Pablito y Carlos se fueron los primeros con sus padres, Ana y Jose. Los demás quedamos a la espera de Marta quien había salido ya de Córdoba. El viaje de Córdoba con los calores del estío, no dejar de ser una heroicidad a estas horas. Por este motivo, cuando Marta llegó, querían llegar a su casa sin detenerse más. Eran casi las cuatro de la tarde cuando, sin poner mantel en la mesa, los abuelos comieron y se quedaron solos.
La siesta era merecida y aunque no se duerma, al menos se descansa viendo o zapeando la televisión.
No eran las seis de la tarde cuando llegó Felisa con su sonrisa. Felisa transmite su alegría y dan ganas de estrujarla. Es alegre y no se está quieta. No para de moverse, por lo que va de brazo en brazo de los abuelos sin que estos puedan estarse sentados en un solo sitio. Como viernes que es, Ángela habla de llevar los niños al parque y cuando Quique llega, ya se ha organizado la salida al parque por la noche.
El abuelo aprovecha para ponerse a trabajar. Habla con Nueva York, con Chile y con Córdoba. Pero termina pronto y no se compromete a nada más porque se tiene que duchar, vestir y llevar en su coche el cochecito de los mellizos, dejado a propósito en casa, por el calor del mediodía.

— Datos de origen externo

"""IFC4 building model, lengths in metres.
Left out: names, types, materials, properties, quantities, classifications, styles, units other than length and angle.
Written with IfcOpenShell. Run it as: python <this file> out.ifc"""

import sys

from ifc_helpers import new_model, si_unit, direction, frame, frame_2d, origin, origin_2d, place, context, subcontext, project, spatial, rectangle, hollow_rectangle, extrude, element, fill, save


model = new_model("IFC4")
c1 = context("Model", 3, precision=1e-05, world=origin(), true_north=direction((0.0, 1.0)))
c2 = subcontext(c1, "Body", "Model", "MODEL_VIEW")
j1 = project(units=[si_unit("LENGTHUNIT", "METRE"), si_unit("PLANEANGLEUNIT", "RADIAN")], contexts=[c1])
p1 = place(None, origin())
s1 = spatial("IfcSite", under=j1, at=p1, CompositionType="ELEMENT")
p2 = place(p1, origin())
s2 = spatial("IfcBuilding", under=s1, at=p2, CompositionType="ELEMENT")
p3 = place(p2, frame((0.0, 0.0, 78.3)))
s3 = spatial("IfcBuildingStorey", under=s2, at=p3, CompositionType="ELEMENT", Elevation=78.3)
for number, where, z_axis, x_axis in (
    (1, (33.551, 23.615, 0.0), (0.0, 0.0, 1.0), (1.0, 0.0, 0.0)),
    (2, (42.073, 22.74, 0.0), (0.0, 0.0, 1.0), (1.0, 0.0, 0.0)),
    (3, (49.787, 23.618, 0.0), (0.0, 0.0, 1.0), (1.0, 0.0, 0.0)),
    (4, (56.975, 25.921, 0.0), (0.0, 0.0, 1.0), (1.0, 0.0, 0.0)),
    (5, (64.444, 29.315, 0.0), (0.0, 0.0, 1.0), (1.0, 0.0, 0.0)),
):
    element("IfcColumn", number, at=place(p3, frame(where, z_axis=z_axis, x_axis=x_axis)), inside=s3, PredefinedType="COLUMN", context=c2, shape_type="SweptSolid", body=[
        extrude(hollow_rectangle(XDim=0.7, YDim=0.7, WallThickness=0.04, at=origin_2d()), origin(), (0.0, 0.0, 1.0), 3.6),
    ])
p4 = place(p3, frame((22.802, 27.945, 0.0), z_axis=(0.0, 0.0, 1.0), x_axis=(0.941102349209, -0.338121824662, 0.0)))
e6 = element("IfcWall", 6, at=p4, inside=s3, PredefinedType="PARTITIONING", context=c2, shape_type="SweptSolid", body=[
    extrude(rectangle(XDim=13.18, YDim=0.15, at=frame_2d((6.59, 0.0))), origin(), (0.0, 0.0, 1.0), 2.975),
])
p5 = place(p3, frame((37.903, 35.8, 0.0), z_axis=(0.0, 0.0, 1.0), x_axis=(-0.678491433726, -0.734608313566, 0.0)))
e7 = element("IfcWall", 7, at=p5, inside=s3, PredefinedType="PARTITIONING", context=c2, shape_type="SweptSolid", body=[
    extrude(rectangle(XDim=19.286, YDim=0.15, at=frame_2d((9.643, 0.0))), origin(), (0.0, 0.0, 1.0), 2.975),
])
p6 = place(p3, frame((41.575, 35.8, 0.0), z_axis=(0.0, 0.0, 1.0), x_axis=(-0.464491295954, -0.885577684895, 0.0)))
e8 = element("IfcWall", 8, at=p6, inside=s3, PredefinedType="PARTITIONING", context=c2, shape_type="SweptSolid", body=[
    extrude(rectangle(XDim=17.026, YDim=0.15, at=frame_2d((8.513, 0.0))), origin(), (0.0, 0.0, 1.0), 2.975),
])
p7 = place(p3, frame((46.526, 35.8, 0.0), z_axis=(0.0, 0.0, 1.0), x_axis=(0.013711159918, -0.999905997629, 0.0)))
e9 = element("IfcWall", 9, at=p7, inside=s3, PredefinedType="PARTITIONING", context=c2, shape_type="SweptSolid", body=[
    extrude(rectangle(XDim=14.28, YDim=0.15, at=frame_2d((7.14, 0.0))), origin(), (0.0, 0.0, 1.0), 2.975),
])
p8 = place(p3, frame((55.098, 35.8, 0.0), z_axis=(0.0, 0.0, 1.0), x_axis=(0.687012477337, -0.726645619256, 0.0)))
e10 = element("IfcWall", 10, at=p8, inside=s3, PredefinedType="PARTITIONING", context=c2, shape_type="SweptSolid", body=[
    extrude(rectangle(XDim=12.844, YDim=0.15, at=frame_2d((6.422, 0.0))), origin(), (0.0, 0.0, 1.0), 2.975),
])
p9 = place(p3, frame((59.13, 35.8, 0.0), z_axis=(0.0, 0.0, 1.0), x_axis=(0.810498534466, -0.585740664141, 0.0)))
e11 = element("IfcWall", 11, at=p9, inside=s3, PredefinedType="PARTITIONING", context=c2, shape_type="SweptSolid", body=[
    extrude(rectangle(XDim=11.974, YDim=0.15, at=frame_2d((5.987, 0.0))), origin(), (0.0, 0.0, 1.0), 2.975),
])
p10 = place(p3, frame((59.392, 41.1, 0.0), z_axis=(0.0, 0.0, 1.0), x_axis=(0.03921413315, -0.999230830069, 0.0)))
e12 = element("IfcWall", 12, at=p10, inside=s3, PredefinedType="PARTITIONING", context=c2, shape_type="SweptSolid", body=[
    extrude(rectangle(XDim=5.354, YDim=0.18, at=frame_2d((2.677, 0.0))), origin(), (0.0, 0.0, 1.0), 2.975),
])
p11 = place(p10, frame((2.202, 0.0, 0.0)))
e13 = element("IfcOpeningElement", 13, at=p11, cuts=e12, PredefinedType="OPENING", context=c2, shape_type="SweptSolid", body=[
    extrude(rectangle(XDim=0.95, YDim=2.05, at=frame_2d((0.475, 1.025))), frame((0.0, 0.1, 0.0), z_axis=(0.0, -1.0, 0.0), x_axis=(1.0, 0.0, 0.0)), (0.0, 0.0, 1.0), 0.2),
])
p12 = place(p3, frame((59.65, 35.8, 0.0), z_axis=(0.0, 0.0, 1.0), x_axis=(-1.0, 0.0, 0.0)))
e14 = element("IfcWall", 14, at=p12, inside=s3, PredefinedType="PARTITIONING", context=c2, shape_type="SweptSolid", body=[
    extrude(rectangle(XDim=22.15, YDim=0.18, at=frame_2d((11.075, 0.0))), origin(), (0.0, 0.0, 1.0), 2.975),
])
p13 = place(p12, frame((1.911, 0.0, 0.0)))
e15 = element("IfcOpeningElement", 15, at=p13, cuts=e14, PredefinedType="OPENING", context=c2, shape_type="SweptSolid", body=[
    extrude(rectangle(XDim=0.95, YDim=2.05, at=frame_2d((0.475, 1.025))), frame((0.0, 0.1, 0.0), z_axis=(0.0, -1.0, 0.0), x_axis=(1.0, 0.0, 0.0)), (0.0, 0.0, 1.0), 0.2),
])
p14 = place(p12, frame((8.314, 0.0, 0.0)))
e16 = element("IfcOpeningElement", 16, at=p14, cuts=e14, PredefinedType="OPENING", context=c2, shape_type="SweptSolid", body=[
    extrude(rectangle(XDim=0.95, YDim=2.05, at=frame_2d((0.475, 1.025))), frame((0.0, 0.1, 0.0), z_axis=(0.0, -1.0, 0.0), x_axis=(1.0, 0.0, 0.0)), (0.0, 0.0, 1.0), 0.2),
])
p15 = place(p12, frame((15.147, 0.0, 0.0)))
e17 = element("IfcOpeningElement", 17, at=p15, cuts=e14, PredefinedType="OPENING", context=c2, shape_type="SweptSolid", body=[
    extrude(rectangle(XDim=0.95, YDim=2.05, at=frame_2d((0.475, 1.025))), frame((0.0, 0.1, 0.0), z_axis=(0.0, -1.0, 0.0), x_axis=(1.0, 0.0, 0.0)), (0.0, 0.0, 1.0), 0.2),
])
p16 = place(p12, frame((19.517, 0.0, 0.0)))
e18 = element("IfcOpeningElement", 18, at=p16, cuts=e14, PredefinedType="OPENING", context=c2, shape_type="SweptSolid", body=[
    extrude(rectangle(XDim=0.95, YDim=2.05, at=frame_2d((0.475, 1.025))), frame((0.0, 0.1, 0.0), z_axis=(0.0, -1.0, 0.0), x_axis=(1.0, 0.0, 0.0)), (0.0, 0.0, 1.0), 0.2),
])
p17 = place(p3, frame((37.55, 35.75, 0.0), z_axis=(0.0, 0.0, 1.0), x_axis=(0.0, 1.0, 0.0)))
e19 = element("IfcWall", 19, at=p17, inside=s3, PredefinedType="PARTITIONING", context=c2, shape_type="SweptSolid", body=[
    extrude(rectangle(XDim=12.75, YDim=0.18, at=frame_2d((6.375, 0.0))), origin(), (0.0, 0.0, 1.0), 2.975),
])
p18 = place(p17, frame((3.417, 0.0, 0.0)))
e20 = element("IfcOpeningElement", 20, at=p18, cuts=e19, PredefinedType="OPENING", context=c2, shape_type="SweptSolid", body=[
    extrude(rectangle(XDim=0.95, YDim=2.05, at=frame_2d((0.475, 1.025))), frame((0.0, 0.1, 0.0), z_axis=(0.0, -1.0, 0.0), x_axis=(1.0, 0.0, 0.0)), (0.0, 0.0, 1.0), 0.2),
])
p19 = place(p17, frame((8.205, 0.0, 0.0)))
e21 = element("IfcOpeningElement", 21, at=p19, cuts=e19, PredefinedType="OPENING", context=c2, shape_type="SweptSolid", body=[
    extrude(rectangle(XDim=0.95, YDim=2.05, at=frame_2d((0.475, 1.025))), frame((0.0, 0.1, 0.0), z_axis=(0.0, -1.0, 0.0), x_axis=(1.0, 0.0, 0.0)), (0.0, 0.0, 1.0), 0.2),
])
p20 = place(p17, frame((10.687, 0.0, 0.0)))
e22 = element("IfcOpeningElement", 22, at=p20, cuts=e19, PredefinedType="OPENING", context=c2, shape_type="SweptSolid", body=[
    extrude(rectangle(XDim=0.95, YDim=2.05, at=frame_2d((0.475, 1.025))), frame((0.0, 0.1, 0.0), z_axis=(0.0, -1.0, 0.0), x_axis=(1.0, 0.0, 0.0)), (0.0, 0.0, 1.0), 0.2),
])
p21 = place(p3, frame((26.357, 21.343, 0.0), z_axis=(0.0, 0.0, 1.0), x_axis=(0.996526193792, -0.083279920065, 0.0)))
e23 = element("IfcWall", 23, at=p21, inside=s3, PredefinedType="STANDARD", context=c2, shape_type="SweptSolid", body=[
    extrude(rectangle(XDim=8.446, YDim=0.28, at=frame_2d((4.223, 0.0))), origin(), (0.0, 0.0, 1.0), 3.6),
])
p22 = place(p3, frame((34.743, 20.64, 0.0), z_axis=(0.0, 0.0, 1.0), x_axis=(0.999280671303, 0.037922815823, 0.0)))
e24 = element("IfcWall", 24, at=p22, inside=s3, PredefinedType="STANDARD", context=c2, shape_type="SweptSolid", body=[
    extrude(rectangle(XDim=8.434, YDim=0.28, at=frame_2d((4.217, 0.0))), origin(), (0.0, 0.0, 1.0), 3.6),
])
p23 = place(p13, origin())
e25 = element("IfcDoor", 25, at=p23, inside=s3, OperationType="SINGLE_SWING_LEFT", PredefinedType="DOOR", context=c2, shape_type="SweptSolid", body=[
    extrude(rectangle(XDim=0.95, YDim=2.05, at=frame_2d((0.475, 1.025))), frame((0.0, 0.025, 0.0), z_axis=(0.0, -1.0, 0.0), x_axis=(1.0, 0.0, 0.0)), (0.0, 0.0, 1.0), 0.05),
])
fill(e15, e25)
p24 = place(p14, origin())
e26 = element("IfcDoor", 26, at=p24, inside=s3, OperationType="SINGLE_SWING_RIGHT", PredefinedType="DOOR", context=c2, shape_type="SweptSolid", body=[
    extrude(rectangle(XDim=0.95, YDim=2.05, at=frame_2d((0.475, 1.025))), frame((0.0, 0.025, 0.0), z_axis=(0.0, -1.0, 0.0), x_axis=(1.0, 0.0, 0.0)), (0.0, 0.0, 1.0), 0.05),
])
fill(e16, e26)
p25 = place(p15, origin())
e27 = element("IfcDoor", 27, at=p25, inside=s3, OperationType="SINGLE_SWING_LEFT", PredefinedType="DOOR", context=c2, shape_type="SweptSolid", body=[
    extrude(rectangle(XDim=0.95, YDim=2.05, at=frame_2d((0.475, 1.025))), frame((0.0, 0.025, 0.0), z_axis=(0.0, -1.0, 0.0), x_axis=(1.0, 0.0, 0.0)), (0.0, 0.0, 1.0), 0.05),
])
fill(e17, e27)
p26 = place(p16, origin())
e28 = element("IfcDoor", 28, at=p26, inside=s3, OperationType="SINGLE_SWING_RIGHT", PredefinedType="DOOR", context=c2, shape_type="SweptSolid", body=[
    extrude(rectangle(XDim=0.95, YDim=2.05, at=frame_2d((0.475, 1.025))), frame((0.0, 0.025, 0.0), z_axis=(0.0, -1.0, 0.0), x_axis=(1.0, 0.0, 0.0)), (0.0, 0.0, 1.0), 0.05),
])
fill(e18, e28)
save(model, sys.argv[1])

El parque estaba lleno de niños jugando y lleno de padres jóvenes sentados en la terraza del bar. Carlos jugaba a la pelota con otros niños mayores y Pablo andaba de un sitio para otro, conocedor del lugar y sobre todo del tobogán, aparato que le encanta. Felisa, en brazos de unos y de otros no perdía detalle de los que llegábamos. El abuelo se sentó presidiendo la mesa más grande y larga de la terraza. No hizo falta hablar mucho más. La mesa se fue llenando con la llegada de los mellizos y de Adriana con sus padres. Más tarde llegó Quique, al terminar su trabajo. Los niños jugaban alegres, los bebés iban de brazo en brazo. El abuelo siempre tenía un bebé en brazos. Felisa, Vera, Cristóbal, hasta que fueron cayendo dormidos. Mis hijos hablaban… el abuelo, yo, pensaba que podía ser el hombre más dichoso que allí había.

Nos recogimos a una hora muy prudencial por los niños. Ya en la cama, oí llegar a mi hijo Jero a casa. Para entonces, ya el abuelo no tuvo fuerzas para levantarse de la cama. Pensó que lo que ya solo tenía que hacer en su vida, era solamente querer a su mujer a sus hijos y a sus nietos. Y soñó con los angelitos de sus nietos, pensando en un merecido descanso de un día, llamemosle, normal. El abuelo, yo,… durmió profundamente.